Wisr
- Founded: Australia (2018)
- Founder: David Doust
- Headquarters: Sydney, Australia
- Area served: Australia
- Key people: Andrew Goodwin, Matthew Lewis, Sam Harding, Alexandre Maizy, James Goodwin, Kate Renner, David King and Alvaro Colon.
- Products: Financial services, Unsecured personal loans, Secured personal loans, Secured vehicle loans
- Number of employees: 120
- Website: https://www.wisr.com.au/

= Wisr =

Wisr (ASX: WZR) is an Australian non-bank lender offering consumer lending services. It was known for being the first company of its type to be publicly listed in Australia. In March 2018, DirectMoney launched a major company rebrand to Wisr.

== History ==
In March 2018 DirectMoney Finance Pty Ltd rebranded to Wisr Finance Pty Ltd and began an entirely new business model. In 2017, the company had ceased peer-to-peer lending, originating a wholesale off-balance sheet loan funding facility with 255 Finance.

In August 2018, Wisr launched Australia's first credit score comparison site, WisrCredit.

In March 2019, the company launched the Wisr App, Australia's first app that lets the user gather their digital spare change to pay down debt such as credit cards.

In March 2019, Wisr undertook a $15 million capital raise through Placement shares.

In November 2019, the NAB-backed Wisr Warehouse loan funding facility went live with an initial $50 million commitment. The Wisr Warehouse was increased from $95 million to $150 million in July 2020, $250 million in October 2020 and then $350 million in March 2021.

In January 2020, Wisr undertook a $36.5 million capital raise through Placement shares and a share purchase plan (SPP).

In March 2021, Wisr took a 5% ownership in EU-based fintech Arbor.
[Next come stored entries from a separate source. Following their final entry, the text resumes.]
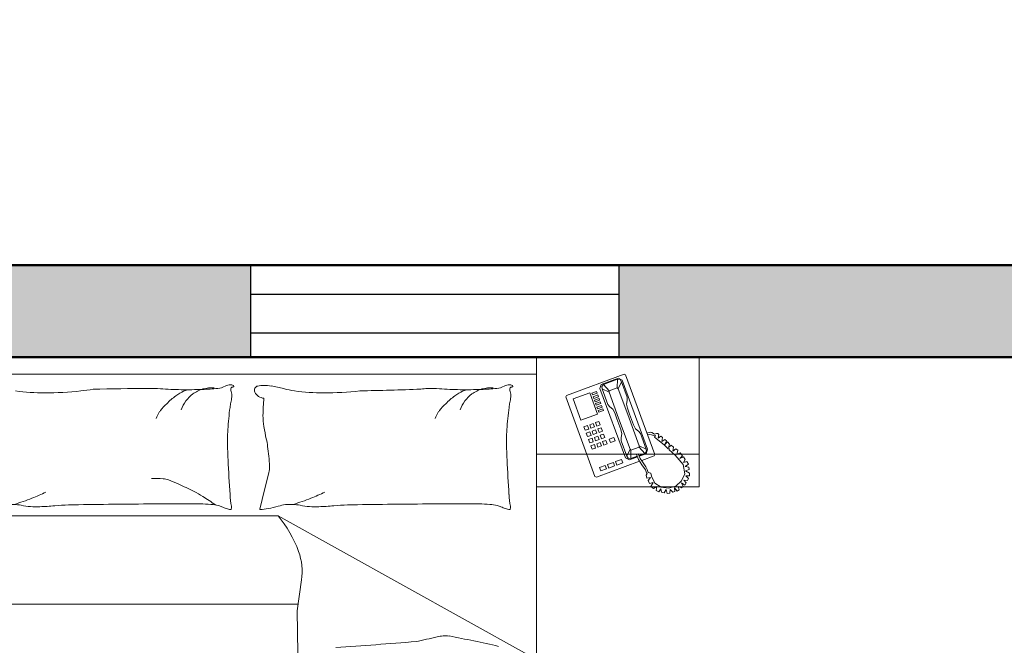
# Model space of a CAD drawing. Units: inches. Extents: x -7 to 1228, y -146 to 1091.
# Tile 55 of 88: x 96 to 193, y 964 to 1025. Entities that reach past the tile are written whole.
import ezdxf

# ---------------------------------------------------------------- set-up
doc = ezdxf.new("R2010")
doc.units = ezdxf.units.IN
for name, color, linetype, lineweight in [('A-FURN', 8, 'Continuous', 18), ('A-GLAZ', 175, 'Continuous', 25), ('A-WALL', 7, 'Continuous', 50), ('A-WALL-PATT', 251, 'Continuous', 13)]:
    doc.layers.add(name, color=color, linetype=linetype, lineweight=lineweight)
doc.styles.add('DIM_FONT', font='SIMPLEX.shx', dxfattribs={"width": 0.8})

# ---------------------------------------------------------------- blocks, each defined once
blk = doc.blocks.new('A$C4F634EDD')
for p, q in [((0.5, 2.6295), (2.3, 2.6295)), ((2.3, 2.6295), (2.3, 0.5295)), ((2.3, 2.6295), (2.8, 2.6295)), ((2.3, 2.2295), (2.3, 2.6295)), ((2.8, 2.6295), (2.8, 2.2295)), ((0.5, 2.5771), (2.3, 2.5771)), ((2.392, 2.5115), (2.5692, 2.5765)), ((2.4985, 2.5445), (2.5516, 2.564)), ((2.5062, 2.5454), (2.5487, 2.561)), ((2.5483, 2.5347), (2.5487, 2.561)), ((2.5487, 2.561), (2.5571, 2.56)), ((2.5615, 2.5536), (2.5514, 2.5318)), ((2.5516, 2.564), (2.5637, 2.5584)), ((2.5571, 2.56), (2.5615, 2.5536)), ((2.5615, 2.5536), (2.5791, 2.5058)), ((2.5637, 2.5584), (2.6418, 2.3458)), ((2.5692, 2.5765), (2.574, 2.5743)), ((2.574, 2.5743), (2.6638, 2.3298)), ((2.412, 2.5007), (2.4634, 2.5196)), ((2.4634, 2.5196), (2.4875, 2.454)), ((2.4842, 2.5232), (2.47, 2.518)), ((2.47, 2.518), (2.472, 2.5127)), ((2.472, 2.5127), (2.4862, 2.5179)), ((2.4862, 2.5179), (2.4842, 2.5232)), ((2.4946, 2.5331), (2.4985, 2.5445)), ((2.5734, 2.3187), (2.4946, 2.5331)), ((2.5062, 2.5454), (2.5004, 2.5392)), ((2.5004, 2.5392), (2.5013, 2.5315)), ((2.5013, 2.5315), (2.5188, 2.4836)), ((2.5013, 2.5315), (2.5231, 2.5214)), ((2.5235, 2.5256), (2.5062, 2.5454)), ((2.5231, 2.5214), (2.5235, 2.5256)), ((2.5523, 2.4417), (2.5231, 2.5214)), ((2.5483, 2.5347), (2.5235, 2.5256)), ((2.5514, 2.5318), (2.5483, 2.5347)), ((2.5807, 2.4521), (2.5514, 2.5318)), ((2.3898, 2.5066), (2.392, 2.5115)), ((2.4795, 2.2621), (2.3898, 2.5066)), ((2.4361, 2.4352), (2.412, 2.5007)), ((2.4881, 2.5126), (2.4739, 2.5074)), ((2.4739, 2.5074), (2.4759, 2.502)), ((2.4759, 2.502), (2.4901, 2.5073)), ((2.492, 2.5019), (2.4778, 2.4967)), ((2.4778, 2.4967), (2.4798, 2.4914)), ((2.4798, 2.4914), (2.494, 2.4966)), ((2.4959, 2.4913), (2.4817, 2.4861)), ((2.4901, 2.5073), (2.4881, 2.5126)), ((2.494, 2.4966), (2.492, 2.5019)), ((2.4979, 2.486), (2.4959, 2.4913)), ((2.5788, 2.4956), (2.5767, 2.4848)), ((2.5791, 2.5058), (2.5788, 2.4956)), ((2.4817, 2.4861), (2.4837, 2.4808)), ((2.4837, 2.4808), (2.4979, 2.486)), ((2.4998, 2.4807), (2.4856, 2.4755)), ((2.4856, 2.4755), (2.4876, 2.4702)), ((2.4876, 2.4702), (2.5018, 2.4754)), ((2.5037, 2.47), (2.4895, 2.4648)), ((2.4895, 2.4648), (2.4915, 2.4595)), ((2.4915, 2.4595), (2.5057, 2.4647)), ((2.5018, 2.4754), (2.4998, 2.4807)), ((2.5057, 2.4647), (2.5037, 2.47)), ((2.5188, 2.4836), (2.5256, 2.4761)), ((2.5256, 2.4761), (2.5342, 2.4692)), ((2.5342, 2.4692), (2.5405, 2.4574)), ((2.5405, 2.4574), (2.547, 2.4397)), ((2.5767, 2.4848), (2.5795, 2.4717)), ((2.5795, 2.4717), (2.586, 2.454)), ((2.4875, 2.454), (2.4361, 2.4352)), ((2.4811, 2.4276), (2.4917, 2.4315)), ((2.485, 2.4169), (2.4811, 2.4276)), ((2.4917, 2.4315), (2.4956, 2.4208)), ((2.5594, 2.4061), (2.547, 2.4397)), ((2.5523, 2.4417), (2.5875, 2.346)), ((2.5807, 2.4521), (2.6158, 2.3564)), ((2.5984, 2.4204), (2.586, 2.454)), ((2.4457, 2.4146), (2.4563, 2.4185)), ((2.4496, 2.4039), (2.4457, 2.4146)), ((2.4602, 2.4078), (2.4496, 2.4039)), ((2.4528, 2.3951), (2.4635, 2.399)), ((2.4563, 2.4185), (2.4602, 2.4078)), ((2.4634, 2.4211), (2.474, 2.425)), ((2.4673, 2.4104), (2.4634, 2.4211)), ((2.4635, 2.399), (2.4674, 2.3883)), ((2.4779, 2.4143), (2.4673, 2.4104)), ((2.4706, 2.4016), (2.4812, 2.4055)), ((2.4745, 2.3909), (2.4706, 2.4016)), ((2.474, 2.425), (2.4779, 2.4143)), ((2.4812, 2.4055), (2.4851, 2.3949)), ((2.4956, 2.4208), (2.485, 2.4169)), ((2.4883, 2.4081), (2.4989, 2.412)), ((2.4922, 2.3975), (2.4883, 2.4081)), ((2.5028, 2.4014), (2.4922, 2.3975)), ((2.4989, 2.412), (2.5028, 2.4014)), ((2.5622, 2.393), (2.5594, 2.4061)), ((2.6047, 2.4086), (2.5984, 2.4204)), ((2.6133, 2.4017), (2.6047, 2.4086)), ((2.6201, 2.3941), (2.6133, 2.4017)), ((2.6499, 2.3979), (2.6397, 2.3953)), ((2.6551, 2.397), (2.6499, 2.3979)), ((2.6627, 2.392), (2.6551, 2.397)), ((2.4567, 2.3844), (2.4528, 2.3951)), ((2.4674, 2.3883), (2.4567, 2.3844)), ((2.46, 2.3756), (2.4706, 2.3795)), ((2.4639, 2.365), (2.46, 2.3756)), ((2.4745, 2.3689), (2.4639, 2.365)), ((2.4706, 2.3795), (2.4745, 2.3689)), ((2.4851, 2.3949), (2.4745, 2.3909)), ((2.4777, 2.3821), (2.4883, 2.386)), ((2.4816, 2.3715), (2.4777, 2.3821)), ((2.4922, 2.3754), (2.4816, 2.3715)), ((2.4849, 2.3626), (2.4955, 2.3665)), ((2.4883, 2.386), (2.4922, 2.3754)), ((2.4954, 2.3886), (2.5061, 2.3925)), ((2.4993, 2.378), (2.4954, 2.3886)), ((2.4955, 2.3665), (2.4994, 2.3559)), ((2.51, 2.3819), (2.4993, 2.378)), ((2.5026, 2.3691), (2.5132, 2.373)), ((2.5065, 2.3585), (2.5026, 2.3691)), ((2.5061, 2.3925), (2.51, 2.3819)), ((2.5132, 2.373), (2.5171, 2.3624)), ((2.5238, 2.3769), (2.538, 2.3821)), ((2.5277, 2.3663), (2.5238, 2.3769)), ((2.5419, 2.3715), (2.5277, 2.3663)), ((2.538, 2.3821), (2.5419, 2.3715)), ((2.5598, 2.372), (2.5601, 2.3822)), ((2.5774, 2.3242), (2.5598, 2.372)), ((2.5601, 2.3822), (2.5622, 2.393)), ((2.6376, 2.3463), (2.6201, 2.3941)), ((2.6417, 2.39), (2.6488, 2.391)), ((2.6488, 2.391), (2.6538, 2.3895)), ((2.6538, 2.3895), (2.6596, 2.388)), ((2.6596, 2.388), (2.6626, 2.3867)), ((2.6626, 2.3867), (2.6662, 2.388)), ((2.6692, 2.394), (2.6627, 2.392)), ((2.6662, 2.388), (2.6632, 2.3828)), ((2.6632, 2.3828), (2.6736, 2.3744)), ((2.6736, 2.3944), (2.6692, 2.394)), ((2.6765, 2.391), (2.6736, 2.3944)), ((2.6736, 2.3744), (2.6922, 2.3593)), ((2.6742, 2.3795), (2.6765, 2.391)), ((2.6824, 2.3858), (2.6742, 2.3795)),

In May 2021, Wisr undertook an inaugural A$225M ABS transaction (asset-backed securities), supported by a pool of fully amortising unsecured consumer personal loans. The top tranche of the ABS transaction received a AAA Moody's rating.

In June 2021, supported by Goldman Sachs, Wisr undertook a $55 million capital raise through Placement shares and a share purchase plan (SPP). It was oversubscribed.

In August 2023, Wisr announced that it had terminated the employment of CEO Anthony Nantes. He was replaced by Andrew Goodwin. At the same time his brother, John Nantes temporarily recused himself from his position as chairman of the board to avoid perception of conflict of interest.

== Listing ==
On 13 July 2015, Wisr listed on the Australian Securities Exchange through a reverse takeover of Basper Ltd, raising $AU11.2m at 20c per share.